Letters to the Editor

Tech education will help spur economic growth and prepare workers

Assemblyman Jordan Cunningham submits his first piece of legislation on Feb. 10, 2017, at the state Capitol.
Assemblyman Jordan Cunningham submits his first piece of legislation on Feb. 10, 2017, at the state Capitol.

The information technology industry relies on a robust and innovative workforce that allows companies like ours (Clever Ducks) to grow and stay ahead of the curve. Many companies in our area struggle to find the qualified talent needed to fill open positions. With the growing demands on cybersecurity, the internet of things and our overall reliance on technology, these skilled workers are going to be in even higher demand in years to come.

At a state level, we applaud Assemblyman Jordan Cunningham for his efforts with Assembly Bill 445. Nationally, we are working in Washington, D.C., for a “Fly-In” organized by CompTIA that advocates on behalf of the tech community. We will have the opportunity to meet with our elected members of Congress and share these concerns about our next generation of IT workforce.

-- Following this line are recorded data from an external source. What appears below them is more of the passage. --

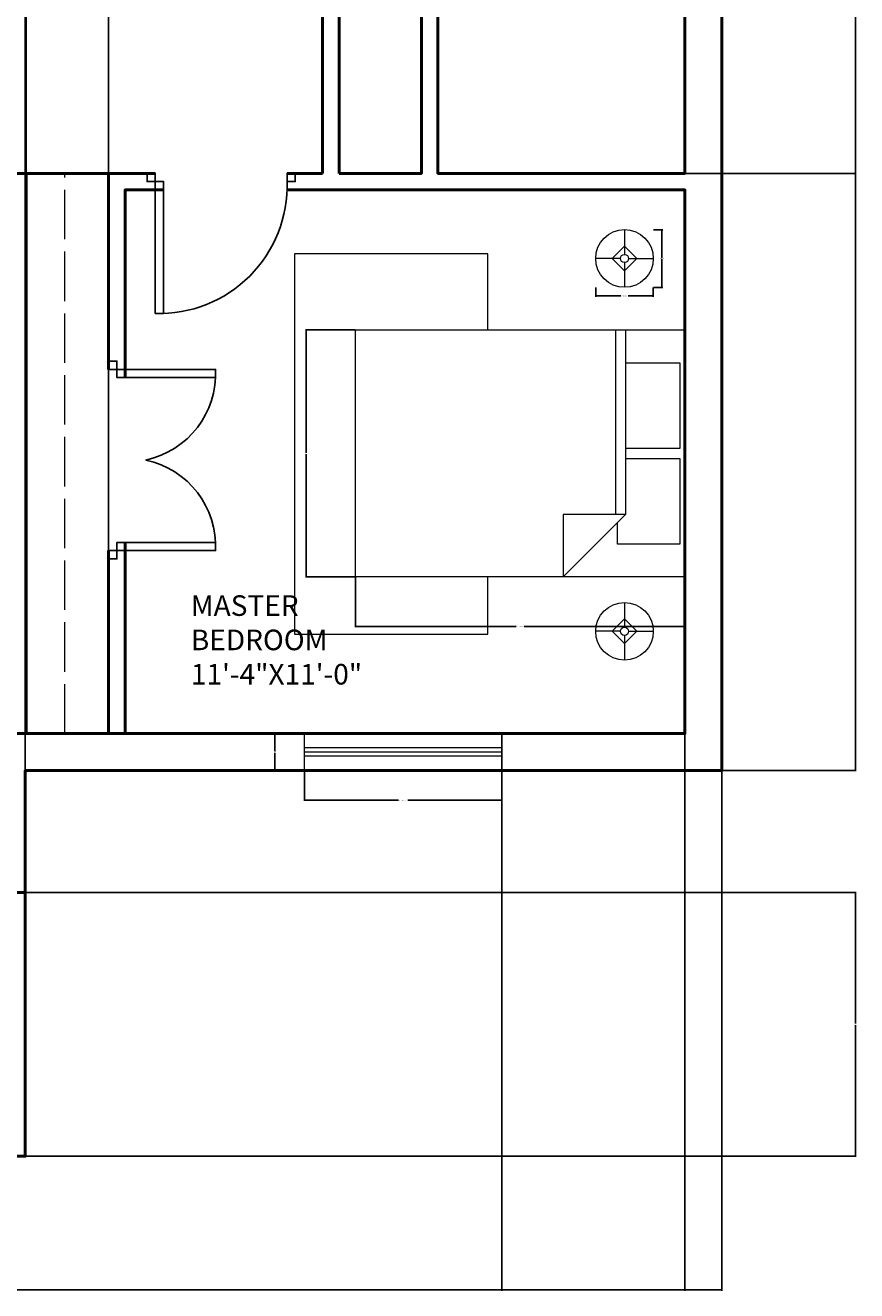
# Model space of a CAD drawing. Units: inches. Extents: x 821 to 2399, y 74 to 823.
# Tile 2 of 13: x 1128 to 1330, y 74 to 381. Entities that reach past the tile are written whole.
import ezdxf

# ---------------------------------------------------------------- set-up
doc = ezdxf.new("R2010")
doc.units = ezdxf.units.IN
doc.header["$MEASUREMENT"] = 0
doc.linetypes.add('ACAD_ISO02W100', pattern=[15, 12, -3])
doc.layers.get('0').update_dxf_attribs({"lineweight": 53})
for name, color, linetype, lineweight in [('A-ANNO-DIMS', 2, 'Continuous', 18), ('A-AREA-IDEN', 7, 'Continuous', 18), ('A-DOOR', 4, 'Continuous', 25), ('A-FURN', 8, 'Continuous', 18), ('A-GLAZ', 4, 'Continuous', 18), ('A-WALL-OVHD', 8, 'ACAD_ISO02W100', 18), ('WALLS', 7, 'Continuous', 50)]:
    doc.layers.add(name, color=color, linetype=linetype, lineweight=lineweight)
doc.styles.get("Standard").update_dxf_attribs({"font": 'arial.ttf'})
doc.dimstyles.get("Standard").update_dxf_attribs({"dimtxt": 0.18, "dimasz": 0.18, "dimexe": 0.18, "dimexo": 0.0625, "dimgap": 0.09, "dimtad": 0, "dimtih": 1, "dimtoh": 1, "dimdec": 4, "dimzin": 0, "dimdsep": 46, "dimtxsty": 'Standard', "dimcen": 0.09, "dimadec": 0, "dimazin": 0, "dimtfac": 1, "dimtdec": 4, "dimtofl": 0, "dimtmove": 0, "dimatfit": 3, "dimfxl": 1, "dimtolj": 1, "dimtzin": 0, "dimarcsym": 0})

# ---------------------------------------------------------------- blocks, each defined once
blk = doc.blocks.new('Bed - Queen')
for p, q in [((0, -80.00003), (0, 0)), ((0, 0), (59.99999, 0)), ((59.99999, 0), (59.99999, -80.00003)), ((7.99999, -1.2), (28.79998, -1.2)), ((7.99999, -14.4), (7.99999, -1.2)), ((28.79998, -1.2), (28.79998, -14.4)), ((31.19999, -1.2), (51.99999, -1.2)), ((31.19999, -14.4), (31.19999, -1.2)), ((51.99999, -1.2), (51.99999, -16.4)), ((0, -14.4), (44.8, -14.4)), ((59.99999, -29.6), (44.8, -14.4)), ((44.8, -14.4), (44.8, -29.6)), ((44.8, -16.8), (0, -16.8)), ((51.99999, -16.4), (46.79936, -16.4)), ((44.8, -29.6), (59.99999, -29.6)), ((59.99999, -80.00003), (0, -80.00003))]:
    blk.add_line(p, q)
blk = doc.blocks.new('Lamp - Table')
for p, q in [((0, 7), (0, 1)), ((-1, 0), (-7, 0)), ((0, 3), (-3, 0)), ((-3, 0), (0, -3)), ((3, 0), (0, 3)), ((0, -3), (3, 0)), ((1, 0), (7, 0)), ((0, -1), (0, -7))]:
    blk.add_line(p, q)
for radius in [7, 1]:
    blk.add_circle((0, 0), radius)
blk = doc.blocks.new('DOOR-SWING-32IN')
for p, q in [((0, 0), (2, 0)), ((34, 0), (36, 0))]:
    blk.add_line(p, q)
blk.add_lwpolyline([(34, 2, 0.433232), (2, 34), (4, 34), (4, 2), (2, 2), (2, 34)], format="xyb")
for points in [[(0, 0), (2, 0), (2, 2), (0, 2)], [(36, 0), (34, 0), (34, 2), (36, 2)]]:
    blk.add_lwpolyline(points, close=True)
blk = doc.blocks.new('WIN-48IN')
for p, q in [((3.5, 48), (3.5, 0)), ((4.5, 48), (4.5, 0)), ((5.5, 48), (5.5, 0))]:
    blk.add_line(p, q)
blk.add_lwpolyline([(9, 0), (0, 0), (0, 48), (9, 48)], close=True)
blk = doc.blocks.new('*D30')
at = {"layer": 'A-ANNO-DIMS', "color": 0, "lineweight": -2, "transparency": 16777216}
for p, q in [((1195.94, 200.46), (1195.94, 193.14)), ((1243.94, 200.46), (1243.94, 193.14)), ((1196.12, 193.32), (1218.83, 193.32)), ((1243.76, 193.32), (1221.06, 193.32))]:
    blk.add_line(p, q, dxfattribs=at)
at = {"layer": 'A-ANNO-DIMS', "color": 0, "lineweight": 50, "transparency": 16777216}
for points in [[(1196.12, 193.35), (1196.12, 193.29), (1195.94, 193.32)], [(1243.76, 193.35), (1243.76, 193.29), (1243.94, 193.32)]]:
    blk.add_solid(points, dxfattribs=at)
at = {"layer": 'Defpoints', "color": 0, "lineweight": 50, "transparency": 16777216}
for p in [(1195.94, 200.52), (1243.94, 200.52), (1243.94, 193.32)]:
    blk.add_point(p, dxfattribs=at)
at = {"layer": 'A-ANNO-DIMS', "color": 0, "transparency": 16777216, "insert": (1219.94, 193.32), "char_height": 0.18, "attachment_point": 5}
blk.add_mtext('\\A1;WINDOW 48 TYP.', dxfattribs=at)
blk = doc.blocks.new('*D31')
at = {"layer": 'A-ANNO-DIMS', "color": 0, "lineweight": -2, "transparency": 16777216}
for p, q in [((1195.88, 209.52), (1188.56, 209.52)), ((1188.74, 209.34), (1188.74, 205.2)), ((1188.74, 200.7), (1188.74, 204.84)), ((1195.88, 200.52), (1188.56, 200.52))]:
    blk.add_line(p, q, dxfattribs=at)
at = {"layer": 'A-ANNO-DIMS', "color": 0, "lineweight": 50, "transparency": 16777216}
for points in [[(1188.71, 209.34), (1188.77, 209.34), (1188.74, 209.52)], [(1188.71, 200.7), (1188.77, 200.7), (1188.74, 200.52)]]:
    blk.add_solid(points, dxfattribs=at)
at = {"layer": 'Defpoints', "color": 0, "lineweight": 50, "transparency": 16777216}
for p in [(1195.94, 209.52), (1188.74, 200.52), (1195.94, 200.52)]:
    blk.add_point(p, dxfattribs=at)
at = {"layer": 'A-ANNO-DIMS', "color": 0, "transparency": 16777216, "insert": (1188.74, 205.02), "char_height": 0.18, "attachment_point": 5}
blk.add_mtext('\\A1;9 TYP.', dxfattribs=at)
blk = doc.blocks.new('*D34')
at = {"layer": 'A-ANNO-DIMS', "color": 0, "lineweight": -2, "transparency": 16777216}
for p, q in [((1266.71, 317.79), (1266.71, 315.57)), ((1280.71, 317.79), (1280.71, 315.57)), ((1266.89, 315.75), (1272.81, 315.75)), ((1280.53, 315.75), (1274.61, 315.75))]:
    blk.add_line(p, q, dxfattribs=at)
at = {"layer": 'A-ANNO-DIMS', "color": 0, "lineweight": 50, "transparency": 16777216}
for points in [[(1266.89, 315.78), (1266.89, 315.72), (1266.71, 315.75)], [(1280.53, 315.78), (1280.53, 315.72), (1280.71, 315.75)]]:
    blk.add_solid(points, dxfattribs=at)
at = {"layer": 'Defpoints', "color": 0, "lineweight": 50, "transparency": 16777216}
for p in [(1266.71, 317.85), (1280.71, 317.85), (1280.71, 315.75)]:
    blk.add_point(p, dxfattribs=at)
at = {"layer": 'A-ANNO-DIMS', "color": 0, "transparency": 16777216, "insert": (1273.71, 315.75), "char_height": 0.18, "attachment_point": 5}
blk.add_mtext('\\A1;LAMP 14 TYP.', dxfattribs=at)
blk = doc.blocks.new('*D35')
at = {"layer": 'A-ANNO-DIMS', "color": 0, "lineweight": -2, "transparency": 16777216}
for p, q in [((1280.77, 331.85), (1282.99, 331.85)), ((1282.81, 331.67), (1282.81, 325.03)), ((1282.81, 318.03), (1282.81, 324.67)), ((1280.77, 317.85), (1282.99, 317.85))]:
    blk.add_line(p, q, dxfattribs=at)
at = {"layer": 'A-ANNO-DIMS', "color": 0, "lineweight": 50, "transparency": 16777216}
for points in [[(1282.78, 331.67), (1282.84, 331.67), (1282.81, 331.85)], [(1282.78, 318.03), (1282.84, 318.03), (1282.81, 317.85)]]:
    blk.add_solid(points, dxfattribs=at)
at = {"layer": 'Defpoints', "color": 0, "lineweight": 50, "transparency": 16777216}
for p in [(1280.71, 331.85), (1282.81, 331.85), (1280.71, 317.85)]:
    blk.add_point(p, dxfattribs=at)
at = {"layer": 'A-ANNO-DIMS', "color": 0, "transparency": 16777216, "insert": (1282.81, 324.85), "char_height": 0.18, "attachment_point": 5}
blk.add_mtext('\\A1;14 TYP.', dxfattribs=at)
blk = doc.blocks.new('*D44')
at = {"layer": 'A-ANNO-DIMS', "color": 0, "lineweight": -2, "transparency": 16777216}
for p, q in [((1208.37, 247.46), (1208.37, 235.34)), ((1288.37, 247.46), (1288.37, 235.34)), ((1208.55, 235.52), (1247.38, 235.52)), ((1288.19, 235.52), (1249.37, 235.52))]:
    blk.add_line(p, q, dxfattribs=at)
at = {"layer": 'A-ANNO-DIMS', "color": 0, "lineweight": 50, "transparency": 16777216}
for points in [[(1208.55, 235.55), (1208.55, 235.49), (1208.37, 235.52)], [(1288.19, 235.55), (1288.19, 235.49), (1288.37, 235.52)]]:
    blk.add_solid(points, dxfattribs=at)
at = {"layer": 'Defpoints', "color": 0, "lineweight": 50, "transparency": 16777216}
for p in [(1208.37, 247.52), (1288.37, 247.52), (1288.37, 235.52)]:
    blk.add_point(p, dxfattribs=at)
at = {"layer": 'A-ANNO-DIMS', "color": 0, "transparency": 16777216, "insert": (1248.37, 235.52), "char_height": 0.18, "attachment_point": 5}
blk.add_mtext('\\A1;QUEEN BED 80', dxfattribs=at)
blk = doc.blocks.new('*D45')
at = {"layer": 'A-ANNO-DIMS', "color": 0, "lineweight": -2, "transparency": 16777216}
for p, q in [((1208.31, 307.52), (1196.19, 307.52)), ((1196.37, 307.34), (1196.37, 277.7)), ((1196.37, 247.7), (1196.37, 277.34)), ((1208.31, 247.52), (1196.19, 247.52))]:
    blk.add_line(p, q, dxfattribs=at)
at = {"layer": 'A-ANNO-DIMS', "color": 0, "lineweight": 50, "transparency": 16777216}
for points in [[(1196.34, 307.34), (1196.4, 307.34), (1196.37, 307.52)], [(1196.34, 247.7), (1196.4, 247.7), (1196.37, 247.52)]]:
    blk.add_solid(points, dxfattribs=at)
at = {"layer": 'Defpoints', "color": 0, "lineweight": 50, "transparency": 16777216}
for p in [(1208.37, 307.52), (1196.37, 247.52), (1208.37, 247.52)]:
    blk.add_point(p, dxfattribs=at)
at = {"layer": 'A-ANNO-DIMS', "color": 0, "transparency": 16777216, "insert": (1196.37, 277.52), "char_height": 0.18, "attachment_point": 5}
blk.add_mtext('\\A1;60', dxfattribs=at)
blk = doc.blocks.new('*D78')
at = {"layer": 'A-ANNO-DIMS', "color": 0, "lineweight": -2, "transparency": 16777216}
for p, q in [((853.37, 292.49), (853.37, 74.23)), ((1297.37, 200.46), (1297.37, 74.23)), ((853.55, 74.41), (1075.08, 74.41)), ((1297.19, 74.41), (1075.67, 74.41))]:
    blk.add_line(p, q, dxfattribs=at)
at = {"layer": 'A-ANNO-DIMS', "color": 0, "lineweight": 50, "transparency": 16777216}
for points in [[(853.55, 74.44), (853.55, 74.38), (853.37, 74.41)], [(1297.19, 74.44), (1297.19, 74.38), (1297.37, 74.41)]]:
    blk.add_solid(points, dxfattribs=at)
at = {"layer": 'Defpoints', "color": 0, "lineweight": 50, "transparency": 16777216}
for p in [(853.37, 292.55), (1297.37, 200.52), (1297.37, 74.41)]:
    blk.add_point(p, dxfattribs=at)
at = {"layer": 'A-ANNO-DIMS', "color": 0, "transparency": 16777216, "insert": (1075.37, 74.41), "char_height": 0.18, "attachment_point": 5}
blk.add_mtext('\\A1;444', dxfattribs=at)
blk = doc.blocks.new('*D79')
at = {"layer": 'A-ANNO-DIMS', "color": 0, "lineweight": -2, "transparency": 16777216}
for p, q in [((1297.44, 598.52), (1330, 598.52)), ((1329.82, 598.34), (1329.82, 399.7)), ((1329.82, 200.7), (1329.82, 399.34)), ((1297.44, 200.52), (1330, 200.52))]:
    blk.add_line(p, q, dxfattribs=at)
at = {"layer": 'A-ANNO-DIMS', "color": 0, "lineweight": 50, "transparency": 16777216}
for points in [[(1329.79, 598.34), (1329.85, 598.34), (1329.82, 598.52)], [(1329.79, 200.7), (1329.85, 200.7), (1329.82, 200.52)]]:
    blk.add_solid(points, dxfattribs=at)
at = {"layer": 'Defpoints', "color": 0, "lineweight": 50, "transparency": 16777216}
for p in [(1297.37, 598.52), (1297.37, 200.52), (1329.82, 200.52)]:
    blk.add_point(p, dxfattribs=at)
at = {"layer": 'A-ANNO-DIMS', "color": 0, "transparency": 16777216, "insert": (1329.82, 399.52), "char_height": 0.18, "attachment_point": 5}
blk.add_mtext('\\A1;398', dxfattribs=at)
blk = doc.blocks.new('*D88')
at = {"layer": 'A-ANNO-DIMS', "color": 0, "lineweight": -2, "transparency": 16777216}
for p, q in [((1128.19, 170.94), (1330, 170.94)), ((1329.82, 170.76), (1329.82, 139.08)), ((1329.82, 107.04), (1329.82, 138.72)), ((1128.19, 106.86), (1330, 106.86))]:
    blk.add_line(p, q, dxfattribs=at)
at = {"layer": 'A-ANNO-DIMS', "color": 0, "lineweight": 50, "transparency": 16777216}
for points in [[(1329.79, 170.76), (1329.85, 170.76), (1329.82, 170.94)], [(1329.79, 107.04), (1329.85, 107.04), (1329.82, 106.86)]]:
    blk.add_solid(points, dxfattribs=at)
at = {"layer": 'Defpoints', "color": 0, "lineweight": 50, "transparency": 16777216}
for p in [(1128.12, 170.94), (1128.12, 106.86), (1329.82, 106.86)]:
    blk.add_point(p, dxfattribs=at)
at = {"layer": 'A-ANNO-DIMS', "color": 0, "transparency": 16777216, "insert": (1329.82, 138.9), "char_height": 0.18, "attachment_point": 5}
blk.add_mtext('\\A1;64.08', dxfattribs=at)
blk = doc.blocks.new('*D89')
at = {"layer": 'A-ANNO-DIMS', "color": 0, "lineweight": -2, "transparency": 16777216}
for p, q in [((1050.64, 106.93), (1050.64, 786.75)), ((1050.82, 786.57), (1088.99, 786.57)), ((1127.94, 786.57), (1089.78, 786.57)), ((1128.12, 106.93), (1128.12, 786.75))]:
    blk.add_line(p, q, dxfattribs=at)
at = {"layer": 'A-ANNO-DIMS', "color": 0, "lineweight": 50, "transparency": 16777216}
for points in [[(1050.82, 786.6), (1050.82, 786.54), (1050.64, 786.57)], [(1127.94, 786.6), (1127.94, 786.54), (1128.12, 786.57)]]:
    blk.add_solid(points, dxfattribs=at)
at = {"layer": 'Defpoints', "color": 0, "lineweight": 50, "transparency": 16777216}
for p in [(1128.12, 786.57), (1050.64, 106.86), (1128.12, 106.86)]:
    blk.add_point(p, dxfattribs=at)
at = {"layer": 'A-ANNO-DIMS', "color": 0, "transparency": 16777216, "insert": (1089.38, 786.57), "char_height": 0.18, "attachment_point": 5}
blk.add_mtext('\\A1;77.48', dxfattribs=at)
blk = doc.blocks.new('*D92')
at = {"layer": 'A-ANNO-DIMS', "color": 0, "lineweight": -2, "transparency": 16777216}
for p, q in [((1128.37, 209.58), (1128.37, 786.75)), ((1128.55, 786.57), (1138.15, 786.57)), ((1148.19, 786.57), (1138.59, 786.57)), ((1148.37, 209.58), (1148.37, 786.75))]:
    blk.add_line(p, q, dxfattribs=at)
at = {"layer": 'A-ANNO-DIMS', "color": 0, "lineweight": 50, "transparency": 16777216}
for points in [[(1128.55, 786.6), (1128.55, 786.54), (1128.37, 786.57)], [(1148.19, 786.6), (1148.19, 786.54), (1148.37, 786.57)]]:
    blk.add_solid(points, dxfattribs=at)
at = {"layer": 'Defpoints', "color": 0, "lineweight": 50, "transparency": 16777216}
for p in [(1148.37, 786.57), (1128.37, 209.52), (1148.37, 209.52)]:
    blk.add_point(p, dxfattribs=at)
at = {"layer": 'A-ANNO-DIMS', "color": 0, "transparency": 16777216, "insert": (1138.37, 786.57), "char_height": 0.18, "attachment_point": 5}
blk.add_mtext('\\A1;20', dxfattribs=at)
blk = doc.blocks.new('*D93')
at = {"layer": 'A-ANNO-DIMS', "color": 0, "lineweight": -2, "transparency": 16777216}
for p, q in [((1243.94, 209.46), (1243.94, 74.23)), ((1288.37, 209.46), (1288.37, 74.23)), ((1244.12, 74.41), (1265.76, 74.41)), ((1288.19, 74.41), (1266.56, 74.41))]:
    blk.add_line(p, q, dxfattribs=at)
at = {"layer": 'A-ANNO-DIMS', "color": 0, "lineweight": 50, "transparency": 16777216}
for points in [[(1244.12, 74.44), (1244.12, 74.38), (1243.94, 74.41)], [(1288.19, 74.44), (1288.19, 74.38), (1288.37, 74.41)]]:
    blk.add_solid(points, dxfattribs=at)
at = {"layer": 'Defpoints', "color": 0, "lineweight": 50, "transparency": 16777216}
for p in [(1243.94, 209.52), (1288.37, 209.52), (1243.94, 74.41)]:
    blk.add_point(p, dxfattribs=at)
at = {"layer": 'A-ANNO-DIMS', "color": 0, "transparency": 16777216, "insert": (1266.16, 74.41), "char_height": 0.18, "attachment_point": 5}
blk.add_mtext('\\A1;44.43', dxfattribs=at)
blk = doc.blocks.new('*D96')
at = {"layer": 'A-ANNO-DIMS', "color": 0, "lineweight": -2, "transparency": 16777216}
for p, q in [((1288.44, 396.52), (1330, 396.52)), ((1329.82, 396.34), (1329.82, 371.2)), ((1329.82, 345.7), (1329.82, 370.84)), ((1288.44, 345.52), (1330, 345.52))]:
    blk.add_line(p, q, dxfattribs=at)
at = {"layer": 'A-ANNO-DIMS', "color": 0, "lineweight": 50, "transparency": 16777216}
for points in [[(1329.79, 396.34), (1329.85, 396.34), (1329.82, 396.52)], [(1329.79, 345.7), (1329.85, 345.7), (1329.82, 345.52)]]:
    blk.add_solid(points, dxfattribs=at)
at = {"layer": 'Defpoints', "color": 0, "lineweight": 50, "transparency": 16777216}
for p in [(1288.37, 396.52), (1288.37, 345.52), (1329.82, 345.52)]:
    blk.add_point(p, dxfattribs=at)
at = {"layer": 'A-ANNO-DIMS', "color": 0, "transparency": 16777216, "insert": (1329.82, 371.02), "char_height": 0.18, "attachment_point": 5}
blk.add_mtext('\\A1;51', dxfattribs=at)

msp = doc.modelspace()

# ---------------------------------------------------------------- linework, layer by layer
at = {"layer": 'A-DOOR'}
for points in [[(1148.3735, 299.9247), (1150.3735, 299.9247), (1150.3735, 297.9247), (1148.3735, 297.9247)], [(1148.3735, 251.9247), (1150.3735, 251.9247), (1150.3735, 253.9247), (1148.3735, 253.9247)]]:
    msp.add_lwpolyline(points, close=True, dxfattribs=at)
msp.add_lwpolyline([(1174.3735, 297.9247), (1174.3735, 295.9247), (1150.3735, 295.9247), (1150.3735, 297.9247), (1174.3735, 297.9247, -0.36630785), (1157.4504, 275.9247, -0.36630785), (1174.3735, 253.9247), (1150.3735, 253.9247), (1150.3735, 255.9247), (1174.3735, 255.9247), (1174.3735, 253.9247)], format="xyb", dxfattribs=at)
at = {"layer": 'A-FURN'}
msp.add_lwpolyline([(1240.5391, 307.5195), (1240.5391, 325.9641), (1193.534, 325.9641), (1193.534, 233.6283), (1240.5391, 233.6283), (1240.5391, 247.5195)], dxfattribs=at)
at = {"layer": 'A-WALL-OVHD'}
msp.add_line((1137.7279, 209.5195), (1137.7279, 345.5195), dxfattribs=at)
at = {"layer": 'WALLS'}
for p, q in [((1200.3735, 345.5195), (1200.3735, 396.5195)), ((1124.3735, 345.5195), (1159.7172, 345.5195)), ((1191.7172, 345.5195), (1200.3735, 345.5195)), ((1288.3735, 307.5195), (1288.3735, 209.5195)), ((1152.3735, 209.5195), (1152.3735, 255.9247)), ((1148.3735, 209.5195), (1148.3735, 253.9247))]:
    msp.add_line(p, q, dxfattribs=at)
for points in [[(1050.641, 200.5195), (1050.641, 170.9407), (1121.9086, 170.9407), (1128.124, 170.9407), (1050.641, 170.9407), (1050.641, 106.8645), (1128.124, 106.8645), (1128.124, 170.9407), (1128.124, 200.5195), (1288.3735, 200.5195), (1297.3735, 200.5195), (1297.3735, 598.5195), (853.3735, 598.5195), (853.3735, 292.549), (922.3673, 292.5195), (1043.3735, 292.5195), (1043.3735, 209.5195), (1043.3735, 200.5195)], [(1204.3735, 345.5195), (1204.3735, 396.5195), (1224.3735, 396.5195), (1224.3735, 345.5195)], [(1288.3735, 396.5195), (1228.3735, 396.5195), (1228.3735, 345.5195), (1288.3735, 345.5195)]]:
    msp.add_lwpolyline(points, close=True, dxfattribs=at)
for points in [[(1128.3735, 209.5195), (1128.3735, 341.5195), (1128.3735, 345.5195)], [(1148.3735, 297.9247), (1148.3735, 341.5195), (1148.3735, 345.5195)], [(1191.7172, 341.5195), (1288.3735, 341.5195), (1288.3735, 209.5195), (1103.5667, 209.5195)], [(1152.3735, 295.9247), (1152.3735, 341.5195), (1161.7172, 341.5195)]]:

Many of the skills necessary to fill these high-skilled positions do not require a four-year degree but rather can begin in K-12, continue into community college and include a variety of industry-recognized certifications. We plan to share a plan with our representatives about the need to incentivize educators, students and employers to adopt alternative education models that include industry-led, work-based learning helping to fill job openings and spur economic growth.